# Lightroom SDK?



## PhotoArtKC (Apr 23, 2009)

I've had the idea of building a plug-in for Lightroom but have not seen a developer SDK available anywhere online? Or is it even possible to build a module for Lightroom at this point? :?


----------



## johnbeardy (Apr 23, 2009)

Here you go

John


----------



## DonRicklin (Apr 23, 2009)

How long have you been using LR. Jeffrey Friedl is the 'King' of LR Plugins and has numerous ones at Jeffrey’s Lightroom Goodies (Plugins and Tools).

Don


----------



## truneaux (Sep 6, 2010)

Hi all,

is there a SDK for MAC users as well ? I'm currently evaluating LR on MacOsX 1'.6.4 and would like to use the SDK to build a plugin for uploading pictures to an gallery2 installation on a linux box. 

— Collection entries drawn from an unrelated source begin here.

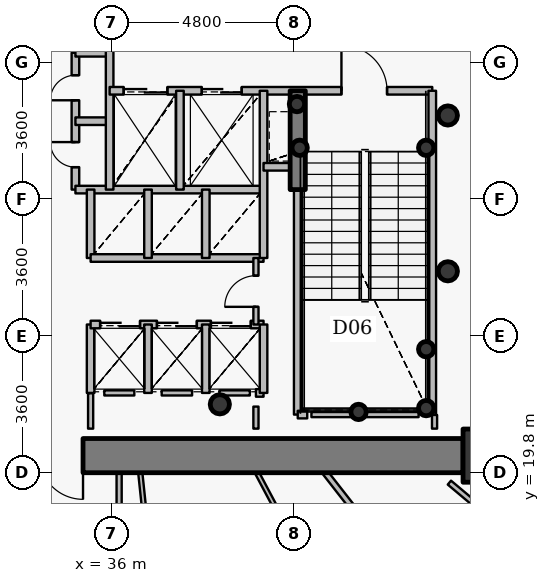
"""IFC4 building model, lengths in metres.
Left out: names, types, materials, properties, quantities, classifications, styles, units other than length and angle.
Written with IfcOpenShell. Run it as: python <this file> out.ifc"""

import sys

from ifc_helpers import new_model, si_unit, direction, frame, frame_2d, origin, origin_2d, place, context, subcontext, project, spatial, rectangle, hollow_circle, extrude, source, transform, mapped, element, fill, save


model = new_model("IFC4")
c1 = context("Model", 3, precision=1e-05, world=origin(), true_north=direction((0.0, 1.0)))
c2 = subcontext(c1, "Body", "Model", "MODEL_VIEW")
j1 = project(units=[si_unit("LENGTHUNIT", "METRE"), si_unit("PLANEANGLEUNIT", "RADIAN")], contexts=[c1])
p1 = place(None, origin())
s1 = spatial("IfcSite", under=j1, at=p1, CompositionType="ELEMENT")
p2 = place(p1, origin())
s2 = spatial("IfcBuilding", under=s1, at=p2, CompositionType="ELEMENT")
p3 = place(p2, frame((0.0, 0.0, 57.6)))
s3 = spatial("IfcBuildingStorey", under=s2, at=p3, CompositionType="ELEMENT", Elevation=57.6)
p4 = place(p3, frame((45.95, 20.25, 0.0), z_axis=(0.0, 0.0, 1.0), x_axis=(1.0, 0.0, 0.0)))
e1 = element("IfcColumn", 1, at=p4, inside=s3, PredefinedType="COLUMN", context=c2, shape_type="SweptSolid", body=[
    extrude(rectangle(XDim=1.4, YDim=1.4, at=origin_2d()), origin(), (0.0, 0.0, 1.0), 4.2),
])
p5 = place(p3, frame((38.85, 21.6, 0.0), z_axis=(0.0, 0.0, 1.0), x_axis=(1.0, 0.0, 0.0)))
e2 = element("IfcColumn", 2, at=p5, inside=s3, PredefinedType="COLUMN", context=c2, shape_type="SweptSolid", body=[
    extrude(hollow_circle(Radius=0.254, WallThickness=0.02, at=origin_2d()), origin(), (0.0, 0.0, 1.0), 4.2),
])
for number, where, z_axis, x_axis in (
    (3, (44.28, 21.5, 0.0), (0.0, 0.0, 1.0), (1.0, 0.0, 0.0)),
    (4, (44.28, 23.05, 0.0), (0.0, 0.0, 1.0), (1.0, 0.0, 0.0)),
    (5, (42.5, 21.4, 0.0), (0.0, 0.0, 1.0), (1.0, 0.0, 0.0)),
    (6, (40.95, 28.35, 0.0), (0.0, 0.0, 1.0), (1.0, 0.0, 0.0)),
    (7, (44.28, 28.35, 0.0), (0.0, 0.0, 1.0), (1.0, 0.0, 0.0)),
    (8, (40.88, 29.5, 0.0), (0.0, 0.0, 1.0), (1.0, 0.0, 0.0)),
):
    element("IfcColumn", number, at=place(p3, frame(where, z_axis=z_axis, x_axis=x_axis)), inside=s3, PredefinedType="COLUMN", context=c2, shape_type="SweptSolid", body=[
        extrude(hollow_circle(Radius=0.203, WallThickness=0.016, at=origin_2d()), origin(), (0.0, 0.0, 1.0), 4.2),
    ])
p6 = place(p3, frame((45.25, 20.25, 0.0), z_axis=(0.0, 0.0, 1.0), x_axis=(-1.0, 0.0, 0.0)))
e9 = element("IfcWall", 9, at=p6, inside=s3, PredefinedType="SHEAR", context=c2, shape_type="SweptSolid", body=[
    extrude(rectangle(XDim=18.5, YDim=0.9, at=frame_2d((9.25, 0.0))), origin(), (0.0, 0.0, 1.0), 3.4),
])
p7 = place(p6, frame((10.0, 0.0, 0.0)))
e10 = element("IfcOpeningElement", 10, at=p7, cuts=e9, PredefinedType="OPENING", context=c2, shape_type="SweptSolid", body=[
    extrude(rectangle(XDim=1.15, YDim=2.15, at=origin_2d()), frame((0.575, 0.46, 1.075), z_axis=(0.0, -1.0, 0.0), x_axis=(1.0, 0.0, 0.0)), (0.0, 0.0, 1.0), 0.92),
])
p8 = place(p3, frame((40.9, 27.25, 0.0), z_axis=(0.0, 0.0, 1.0), x_axis=(0.0, 1.0, 0.0)))
e11 = element("IfcWall", 11, at=p8, inside=s3, PredefinedType="SHEAR", context=c2, shape_type="SweptSolid", body=[
    extrude(rectangle(XDim=2.6, YDim=0.4, at=frame_2d((1.3, 0.0))), origin(), (0.0, 0.0, 1.0), 3.55),
])
for number, where, z_axis, x_axis in (
    (12, (44.85, 25.1, 0.0), (0.0, 0.0, 1.0), (1.0, 0.0, 0.0)),
    (13, (44.85, 29.2, 0.0), (0.0, 0.0, 1.0), (1.0, 0.0, 0.0)),
):
    element("IfcColumn", number, at=place(p3, frame(where, z_axis=z_axis, x_axis=x_axis)), inside=s3, PredefinedType="COLUMN", context=c2, shape_type="SweptSolid", body=[
        extrude(hollow_circle(Radius=0.254, WallThickness=0.02, at=origin_2d()), origin(), (0.0, 0.0, 1.0), 4.2),
    ])
p9 = place(p3, frame((35.05, 27.25, 0.0), z_axis=(0.0, 0.0, 1.0), x_axis=(0.0, 1.0, 0.0)))
e14 = element("IfcWall", 14, at=p9, inside=s3, PredefinedType="PARTITIONING", context=c2, shape_type="SweptSolid", body=[
    extrude(rectangle(XDim=3.6, YDim=0.2, at=frame_2d((1.8, 0.0))), origin(), (0.0, 0.0, 1.0), 3.95),
])
p10 = place(p9, frame((0.59, 0.0, 0.0)))
e15 = element("IfcOpeningElement", 15, at=p10, cuts=e14, PredefinedType="OPENING", context=c2, shape_type="SweptSolid", body=[
    extrude(rectangle(XDim=0.66, YDim=2.05, at=origin_2d()), frame((0.33, 0.11, 1.025), z_axis=(0.0, -1.0, 0.0), x_axis=(1.0, 0.0, 0.0)), (0.0, 0.0, 1.0), 0.22),
])
p11 = place(p9, frame((2.35, 0.0, 0.0)))
e16 = element("IfcOpeningElement", 16, at=p11, cuts=e14, PredefinedType="OPENING", context=c2, shape_type="SweptSolid", body=[
    extrude(rectangle(XDim=0.66, YDim=2.05, at=origin_2d()), frame((0.33, 0.11, 1.025), z_axis=(0.0, -1.0, 0.0), x_axis=(1.0, 0.0, 0.0)), (0.0, 0.0, 1.0), 0.22),
])
p12 = place(p3, frame((35.05, 27.25, 0.0), z_axis=(0.0, 0.0, 1.0), x_axis=(1.0, 0.0, 0.0)))
e17 = element("IfcWall", 17, at=p12, inside=s3, PredefinedType="PARTITIONING", context=c2, shape_type="SweptSolid", body=[
    extrude(rectangle(XDim=4.95, YDim=0.2, at=frame_2d((2.475, 0.0))), origin(), (0.0, 0.0, 1.0), 3.535),
])
for number, where, z_axis, x_axis in (
    (18, (35.05, 29.05, 0.0), (0.0, 0.0, 1.0), (1.0, 0.0, 0.0)),
    (19, (35.05, 30.85, 0.0), (0.0, 0.0, 1.0), (1.0, 0.0, 0.0)),
):
    element("IfcWall", number, at=place(p3, frame(where, z_axis=z_axis, x_axis=x_axis)), inside=s3, PredefinedType="PARTITIONING", context=c2, shape_type="SweptSolid", body=[
        extrude(rectangle(XDim=0.9, YDim=0.2, at=frame_2d((0.45, 0.0))), origin(), (0.0, 0.0, 1.0), 3.95),
    ])
p13 = place(p3, frame((35.45, 21.9, 0.0), z_axis=(0.0, 0.0, 1.0), x_axis=(0.0, 1.0, 0.0)))
e20 = element("IfcWall", 20, at=p13, inside=s3, PredefinedType="PARTITIONING", context=c2, shape_type="SweptSolid", body=[
    extrude(rectangle(XDim=1.8, YDim=0.2, at=frame_2d((0.9, 0.0))), origin(), (0.0, 0.0, 1.0), 3.95),
])
p14 = place(p3, frame((35.45, 23.7, 0.0), z_axis=(0.0, 0.0, 1.0), x_axis=(1.0, 0.0, 0.0)))
e21 = element("IfcWall", 21, at=p14, inside=s3, PredefinedType="PARTITIONING", context=c2, shape_type="SweptSolid", body=[
    extrude(rectangle(XDim=4.55, YDim=0.2, at=frame_2d((2.275, 0.0))), origin(), (0.0, 0.0, 1.0), 3.535),
])
p15 = place(p14, frame((0.25, 0.0, 0.0)))
e22 = element("IfcOpeningElement", 22, at=p15, cuts=e21, PredefinedType="OPENING", context=c2, shape_type="SweptSolid", body=[
    extrude(rectangle(XDim=1.05, YDim=2.15, at=origin_2d()), frame((0.525, 0.11, 1.075), z_axis=(0.0, -1.0, 0.0), x_axis=(1.0, 0.0, 0.0)), (0.0, 0.0, 1.0), 0.22),
])
p16 = place(p14, frame((1.745, 0.0, 0.0)))
e23 = element("IfcOpeningElement", 23, at=p16, cuts=e21, PredefinedType="OPENING", context=c2, shape_type="SweptSolid", body=[
    extrude(rectangle(XDim=1.05, YDim=2.15, at=origin_2d()), frame((0.525, 0.11, 1.075), z_axis=(0.0, -1.0, 0.0), x_axis=(1.0, 0.0, 0.0)), (0.0, 0.0, 1.0), 0.22),
])
p17 = place(p14, frame((3.165, 0.0, 0.0)))
e24 = element("IfcOpeningElement", 24, at=p17, cuts=e21, PredefinedType="OPENING", context=c2, shape_type="SweptSolid", body=[
    extrude(rectangle(XDim=1.05, YDim=2.15, at=origin_2d()), frame((0.525, 0.11, 1.075), z_axis=(0.0, -1.0, 0.0), x_axis=(1.0, 0.0, 0.0)), (0.0, 0.0, 1.0), 0.22),
])
p18 = place(p3, frame((35.45, 25.45, 0.0), z_axis=(0.0, 0.0, 1.0), x_axis=(0.0, 1.0, 0.0)))
e25 = element("IfcWall", 25, at=p18, inside=s3, PredefinedType="PARTITIONING", context=c2, shape_type="SweptSolid", body=[
    extrude(rectangle(XDim=1.8, YDim=0.2, at=frame_2d((0.9, 0.0))), origin(), (0.0, 0.0, 1.0), 3.95),
])
p19 = place(p3, frame((35.45, 25.45, 0.0), z_axis=(0.0, 0.0, 1.0), x_axis=(1.0, 0.0, 0.0)))
e26 = element("IfcWall", 26, at=p19, inside=s3, PredefinedType="PARTITIONING", context=c2, shape_type="SweptSolid", body=[
    extrude(rectangle(XDim=4.55, YDim=0.2, at=frame_2d((2.275, 0.0))), origin(), (0.0, 0.0, 1.0), 3.535),
])
p20 = place(p3, frame((35.95, 27.25, 0.0), z_axis=(0.0, 0.0, 1.0), x_axis=(0.0, 1.0, 0.0)))
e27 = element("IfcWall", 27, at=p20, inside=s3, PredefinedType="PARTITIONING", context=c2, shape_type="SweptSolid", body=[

I could only find the download for SDK on WIN.

Regards, Chris


----------



## johnbeardy (Sep 6, 2010)

That may just be an error on the web page. The SDK is for both Mac and Windows.


----------



## truneaux (Sep 6, 2010)

thx for the quick answer. the filename is indeed misleading.

regards, chris


----------



## Jeroen (Sep 20, 2010)

I'm not sure what version of Lightroom or Gallery you are using; so I did some googling 

Lightroom to Gallery Export Plugin: (for version *1.2* of lightroom)
http://gallery.menalto.com/node/71782 

Lightroom to Gallery Export Plugin (I see reports that it works for version *2.5* of lightroom)
http://sourceforge.net/projects/lr-to-gallery/

Lightroom to Gallery Export Plugin: (for version *3* of lightroom and version Gallery 3, _but not the latest RC2_!)
http://felix.nesciens.net/?p=123

Hope you can do something with the links

Jeroen / Amersfoort / The Netherlands


----------